This happened to me, and I ended up opening a dispute with hen and fortunately they decided in my favour. 

Still no idea to this day where the parcel ended up


----------



## Baracuda (Apr 28, 2008)

Update

Ebay decided in the seller's favour since he had the tracking number and it showed that the item was delivered and signed for...

Just a warning to you all when dealing with ebay


----------



## Kerr (Mar 27, 2012)

Baracuda said:


> Update
> 
> Ebay decided in the seller's favour since he had the tracking number and it showed that the item was delivered and signed for...
> 
> Just a warning to you all when dealing with ebay


Normally they side with the seller on contentious issues.

What has Royal Mail said in this incident?

It seems that the fault is down to them.


----------



## MDC250 (Jan 4, 2014)

Well that sucks, sorry to hear about that. 

Presume if it was Fleabay you paid via PayPal? If not and you paid by credit card you could look to raise a claim with them, or you could if it was this country so would hope you have something similar (Visa/MasterCard Dispute Resolution).


----------



## Baracuda (Apr 28, 2008)

Neither ebay nor the seller bothered to even ask them. He had the proof of postage and proof of delivery and that was enough for everyone it seems...

I have asked around and of course no one knows or even heard the name that was printed on the delivery info.

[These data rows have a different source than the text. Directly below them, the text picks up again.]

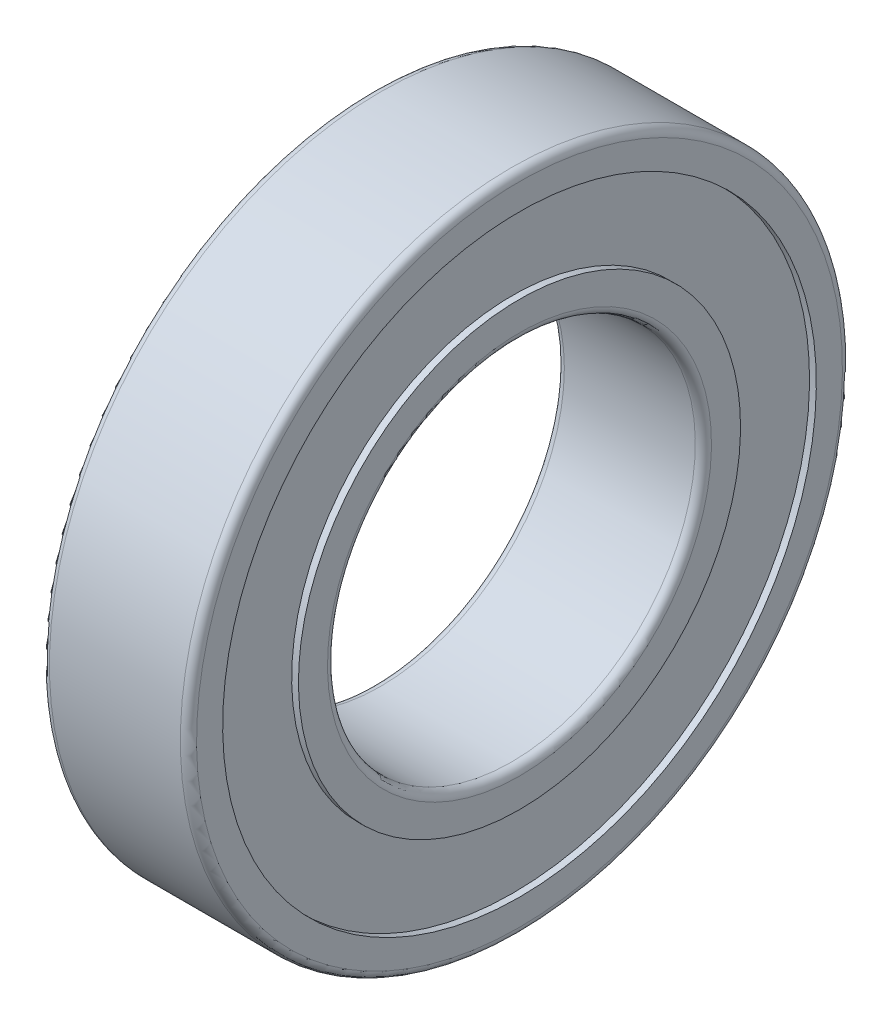
from build123d import *

# Parameters (mm, degrees)
FILLET1_R = 1.1
FILLET2_R = 1.1


with BuildPart() as part:
    # Sketch1 → Revolve1 (revolve)
    with BuildSketch(Plane.XY, mode=Mode.PRIVATE) as revolve1_sk:
        Polygon((0, 25), (20, 25), (20, 30.05), (19.08, 30.05), (19.08, 40.35), (20, 40.35), (20, 45), (0, 45), (0, 40.35), (0.92, 40.35), (0.92, 30.05), (0, 30.05), align=None)
    revolve(revolve1_sk.sketch.rotate(Axis((0, 0, 0), (1, 0, 0)), 180), axis=Axis((0, 0, 0), (1, 0, 0)))

    # Fillet1
    fillet1_edges = [part.edges().sort_by_distance(p)[0] for p in [
        (0, 45, 0),
        (20, 45, 0),
    ]]
    fillet(fillet1_edges, radius=FILLET1_R)

    # Fillet2
    fillet2_edges = [part.edges().sort_by_distance(p)[0] for p in [
        (20, 25, 0),
        (0, 25, 0),
    ]]
    fillet(fillet2_edges, radius=FILLET2_R)


solid = part.part
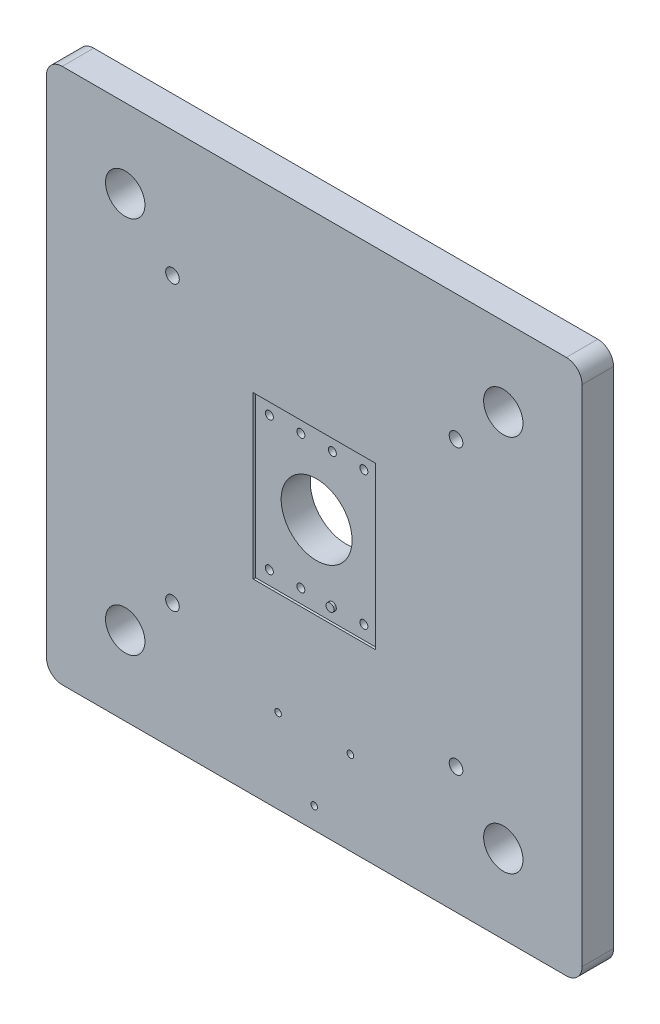
SolidWorks part; units mm, degrees
ref_plane "Front Plane" through (0, 0, 0) normal (0, 0, 1) x (1, 0, 0)
ref_plane "Top Plane" through (0, 0, 0) normal (0, 1, 0) x (1, 0, 0)
ref_plane "Right Plane" through (0, 0, 0) normal (1, 0, 0) x (0, 0, -1)
sketch "Sketch1" plane through (0, 0, 0) normal (0, 0, 1) x (1, 0, 0)
  line L1 (340, 340) -> (-340, 340)
  line L2 (340, 340) -> (340, -340)
  line L3 (340, -340) -> (-340, -340)
  line L4 (-340, 340) -> (-340, -340)
  line L5 (340, 340) -> (-340, -340) construction
  line L6 (340, -340) -> (-340, 340) construction
  point P0 (0, 0)
  dimension "D1" = 680
  dimension "D2" = 680
extrude "Boss-Extrude1" add sketch "Sketch1" along normal blind 40
fillet "Fillet1" radius 20 4 edges at (-340, -340, 20) (340, -340, 20) (-340, 340, 20) (340, 340, 20)
sketch "Sketch2" plane through (0, 0, 40) normal (0, 0, 1) x (1, 0, 0)
  line L0 (0, 0) -> (0, 62.2452) construction
  line L1 (77.5, 102.5) -> (-77.5, 102.5)
  line L2 (77.5, 102.5) -> (77.5, -102.5)
  line L3 (77.5, -102.5) -> (-77.5, -102.5)
  line L4 (-77.5, 102.5) -> (-77.5, -102.5)
  line L5 (77.5, 102.5) -> (-77.5, -102.5) construction
  line L6 (77.5, -102.5) -> (-77.5, 102.5) construction
  line L7 (0, 0) -> (32.4953, 0) construction
  circle A8 centre (-60, 85) radius 5.05
  circle A9 centre (-20, 85) radius 5.05
  circle A10 centre (20, 85) radius 5.05
  circle A11 centre (60, 85) radius 5.05
  circle A12 centre (60, -85) radius 5.05
  circle A13 centre (20, -85) radius 5.05
  circle A14 centre (-20, -85) radius 5.05
  circle A15 centre (-60, -85) radius 5.05
  point P0 (0, 0)
  dimension "D8" = 10.1
  dimension "D1" = 155
  dimension "D2" = 205
  dimension "D3" = 40
  dimension "D4" = 120
  dimension "D5" = 40
  dimension "D6" = 17.5
  dimension "D7" = 17.5
extrude "Cut-Extrude1" cut sketch "Sketch2" against normal blind 3
sketch "Sketch3" plane through (0, 0, 40) normal (0, 0, 1) x (1, 0, 0)
  circle A16 centre (-60, -85) radius 5.05 construction
  circle A17 centre (-60, 85) radius 5.05
  circle A18 centre (-60, 85) radius 5.05
  circle A19 centre (-20, -85) radius 5.05 construction
  circle A20 centre (60, -85) radius 5.05 construction
  circle A21 centre (60, 85) radius 5.05 construction
  circle A22 centre (20, 85) radius 5.05 construction
  circle A23 centre (-20, 85) radius 5.05 construction
  circle A24 centre (-60, -85) radius 5.05
  circle A25 centre (-20, -85) radius 5.05
  circle A26 centre (60, -85) radius 5.05
  circle A27 centre (60, 85) radius 5.05
  circle A28 centre (20, 85) radius 5.05
  circle A29 centre (-20, 85) radius 5.05
  dimension "D1" = 0
extrude "Cut-Extrude2" cut sketch "Sketch3" against normal blind 219
sketch "Sketch4" plane through (0, 0, 37) normal (0, 0, 1) x (1, 0, 0)
  circle A0 centre (0, 0) radius 45
  dimension "D1" = 90
extrude "Cut-Extrude3" cut sketch "Sketch4" against normal blind 219
sketch "Sketch5" plane through (0, 0, 40) normal (0, 0, 1) x (1, 0, 0)
  line L1 (180, 180) -> (-180, 180) construction
  line L2 (180, 180) -> (180, -180) construction
  line L3 (180, -180) -> (-180, -180) construction
  line L4 (-180, 180) -> (-180, -180) construction
  line L5 (180, 180) -> (-180, -180) construction
  line L6 (180, -180) -> (-180, 180) construction
  circle A0 centre (-180, 180) radius 8.65
  circle A1 centre (180, 180) radius 8.65
  circle A2 centre (180, -180) radius 8.65
  circle A3 centre (-180, -180) radius 8.65
  point P0 (0, 0)
  dimension "D3" = 17.3
  dimension "D1" = 360
  dimension "D2" = 360
extrude "Cut-Extrude4" cut sketch "Sketch5" against normal blind 219
sketch "Sketch6" plane through (0, 0, 40) normal (0, 0, 1) x (1, 0, 0)
  circle A3 centre (0, -313) radius 4.2
  circle A4 centre (45.8993, -233.5) radius 4.2
  circle A5 centre (-45.8993, -233.5) radius 4.2
  point P18 (0, 0)
extrude "Cut-Extrude5" cut sketch "Sketch6" against normal blind 219
sketch "Sketch7" plane through (0, 0, 40) normal (0, 0, 1) x (1, 0, 0)
  line L1 (240, 240) -> (-240, 240) construction
  line L2 (240, 240) -> (240, -240) construction
  line L3 (240, -240) -> (-240, -240) construction
  line L4 (-240, 240) -> (-240, -240) construction
  line L5 (240, 240) -> (-240, -240) construction
  line L6 (240, -240) -> (-240, 240) construction
  circle A0 centre (-240, 240) radius 25
  circle A1 centre (240, 240) radius 25
  circle A2 centre (240, -240) radius 25
  circle A3 centre (-240, -240) radius 25
  point P0 (0, 0)
  dimension "D3" = 50
  dimension "D1" = 480
  dimension "D2" = 480
extrude "Cut-Extrude6" cut sketch "Sketch7" against normal blind 219
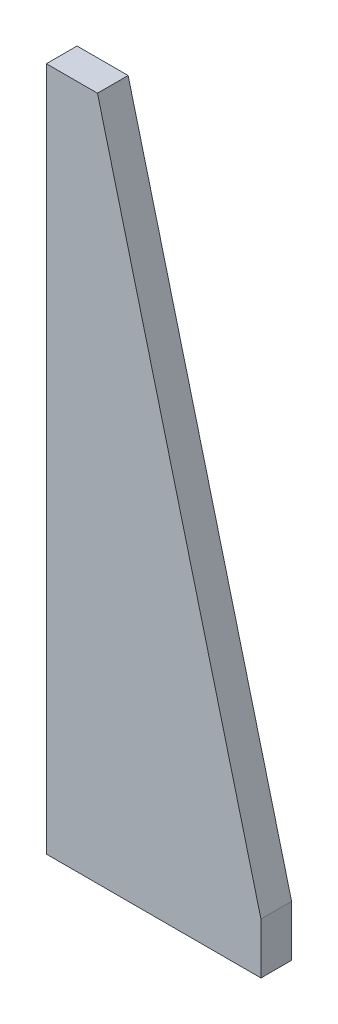
from build123d import *

# Parameters (mm, degrees)
EXTRUDE_1_DEPTH = 30


with BuildPart() as part:
    # 草图1 → 凸台-拉伸1 (new body)
    with BuildSketch(Plane.XY):
        Polygon((0, 0), (0, 670), (50, 670), (210, 50), (210, 0), align=None)
    extrude(amount=EXTRUDE_1_DEPTH)


solid = part.part

EDIT : Payed as always from ebay with paypal linked account.

Anyways i find it very disturbing that in a country like UK, Royal Mail has this practice...
In Romania you can't get a package from Romanian Post without a ID card that you must present and sign with full name.


----------



## MDC250 (Jan 4, 2014)

As has been posted...my experience is that they attempt delivery nobody is in so it goes to a local sorting office. You do need ID to collect from there. To the point of being ridiculous, my wife's Aunty sent a card and package for my 1 year old niece via my Mother in Law's address. As the ID name and address did not match when MiL went to collect they were 'difficult'... technically the recipient must collect which wasn't going to happen! MiL pointed out was her address but it took them a while to go with it.

Big flaw is that if RM say it's gone to an address and they have a signature then it's presumed it's gone to the correct address. Could have delivered anywhere in reality.

Was the delivery address a single property or say flats/apartments?


----------



## Baracuda (Apr 28, 2008)

There are units and i asked everywhere and no one knows the person that signed for it. It's strange since i receive 3-4 packages at that address every week and i have never had any problems with delivery.


----------



## trv8 (Dec 30, 2007)

Baracuda, what type of property do you live in....house...flat....shared house etc?





Oooops, already been asked .


----------



## nichol4s (Jun 16, 2012)

This was an old scam running a few years ago, the seller sells said item sends it (usually an envelope) via recorded delivery to the matching postal code but not your number some signs for it eBay will always favour the correct tracking number and a signature. 

Keep an eye on the seller as it may appear back on eBay


----------



## Baracuda (Apr 28, 2008)

Well, if you guys see a pot of Crystal Rock 95% full let me know 
Item was delivered in Watford and signed by someone named Savage.


----------



## 20vKarlos (Aug 8, 2009)

This is a massive clause in there terms! 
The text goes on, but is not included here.